Leonardo Bonucci Juventus Focus

La Juventus se clasificó para los Octavos de Final de la UEFA Champions League a falta de una jornada de Fase de Grupos tras remontar anoche ante el Sevilla FC (1-3). El líder bianconero sobre el césped del Ramón Sánchez-Pizjuán fue el único miembro de la BBC de Italia que gozaba de plena salud: Leonardo Bonucci. El espigado central provocó el penalti de Gabriel Mercado que se convirtió en el 1-1 por acierto de Claudio Marchisio justo antes del descanso. Y el zaguero de Viterbo también desequilibró definitivamente el partido al marcar el 1-2 con un zurdazo; desviado de forma decisiva por el propio Mercado. Su libertad a partir de la temprana expulsión de Franco Vázquez fue una de las claves de un encuentro en el que el Sevilla se mostró competitivo pese a las adversidades. Se quedó con diez futbolistas a los 36 minutos y encajó un gol de penalti, pero la escuadra de Jorge Sampaoli peleó el partido hasta el final. Fue entonces cuando los riesgos asumidos tras el 1-2 facilitaron el definitivo 1-3, obra de Mario Mandžukić en un sencillo contragolpe.

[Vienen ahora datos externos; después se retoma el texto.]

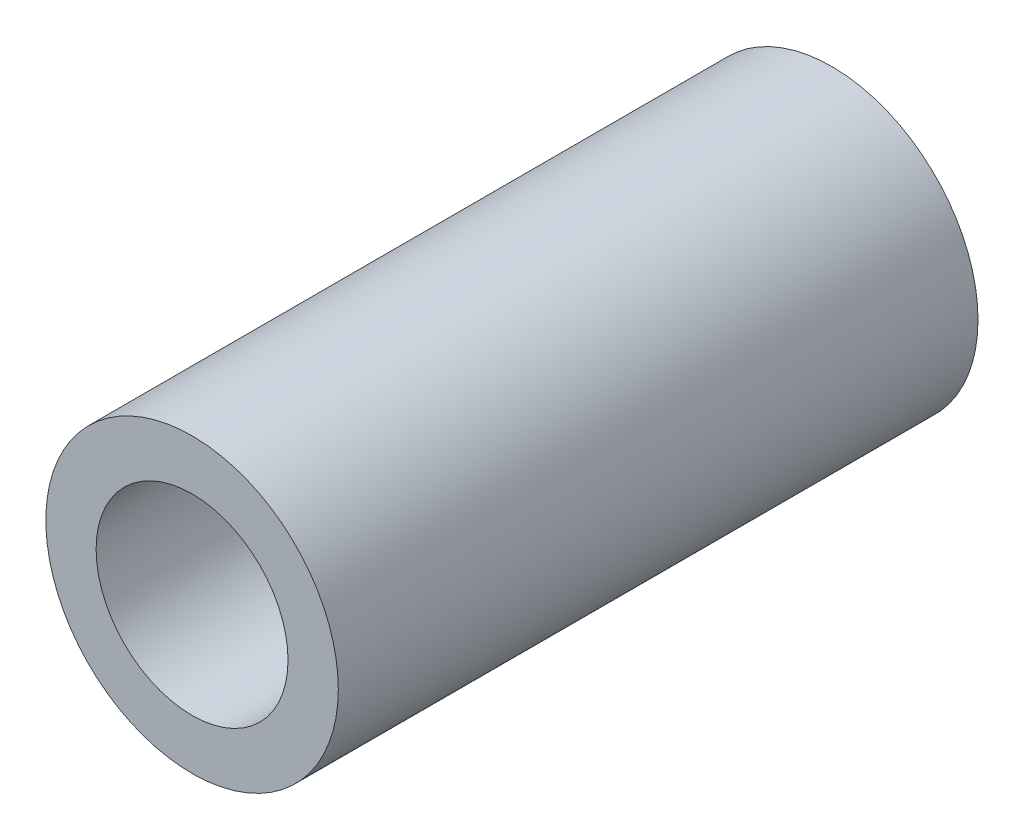
from build123d import *

# Parameters (mm, degrees)
SKETCH1_R                   = 8
BOSS_EXTRUDE1_DEPTH         = 35
M12X1_25_TAPPED_HOLE1_D     = 10.5
M12X1_25_TAPPED_HOLE1_DEPTH = 35
M12X1_25_TAPPED_HOLE1_TIP   = 3.15451825


with BuildPart() as part:
    # Sketch1 → Boss-Extrude1 (new body)
    with BuildSketch(Plane.XY):
        Circle(SKETCH1_R)
    extrude(amount=BOSS_EXTRUDE1_DEPTH)

    # M12x1.25 Tapped Hole1
    with Locations(Plane.XY.offset(35)):
        with Locations((0, 0)):
            Hole(M12X1_25_TAPPED_HOLE1_D / 2, depth=M12X1_25_TAPPED_HOLE1_DEPTH)
            with Locations((0, 0, -(M12X1_25_TAPPED_HOLE1_DEPTH + M12X1_25_TAPPED_HOLE1_TIP / 2))):  # 118° drill point
                Cone(0, M12X1_25_TAPPED_HOLE1_D / 2, M12X1_25_TAPPED_HOLE1_TIP, mode=Mode.SUBTRACT)


solid = part.part

Ese marcador definitivo hace que el conjunto de Nervión tenga que viajar al nuevo Parc OL sin la clasificación para Octavos asegurada. No obstante, puntuar o perder por la mínima ante el Olympique de Lyon en diciembre le bastará al Sevilla para superar un grupo de la máxima competición continental por primera vez en esta década.

Sevilla FC 1 (Pareja 9′)
Juventus 3 (Marchisio pen. 45+2′, Bonucci 84′, Mandžukić 90+4′)

El Sevilla minimizó y dominó a la Juventus con dos esquemas

La primera media hora del partido fue sevillista. Sampaoli aprovechó la versatilidad de una plantilla ya muy adaptada a su figura para que los locales dominaran a la Juventus tras minimizarla. Durante los primeros compases, el Sevilla utilizó dos esquemas diferentes: uno con el balón y otro sin él. La mayor parte del tiempo, los locales tenían el esférico y lo movían con un 3-5-2 muy particular. En él, Vitolo partía como interior izquierdo y se movía hacia la media punta si recibía de Steven N’Zonzi o de un Sergio Escudero tapado a veces por Juan Cuadrado. El colombiano fue titular ante las lesiones de los argentinos Higuaín y Dybala en una Juventus con Mandžukić como único punta de un módulo con “solo” dos centrales, ante las bajas de Barzagli y Benatia (más la falta de forma de Giorgio Chiellini). El afán de protagonismo nervionense llevó a la Juventus a replegarse en campo propio, con Alex Sandro ejerciendo de doble lateral por delante de Evra para detener a Mariano, profundo como carrilero derecho. Luciano Vietto estaba acompañado en el ataque por un Franco Vázquez poco activo con balón. La misión de los dos atacantes argentinos del Sevilla era moverse constantemente por la zona de un Marchisio recién salido de lesión para que este necesitase ayuda de los centrales, se produjesen desajustes defensivos y, gracias a ellos, Vitolo accediese al área de Gianluigi Buffon por el centro. Simultáneamente, y como es habitual cuando el Sevilla ataca con 3-5-2, Escudero y Mariano estaban intentando percutir desde las bandas ante los laterales y los volantes del equipo rival.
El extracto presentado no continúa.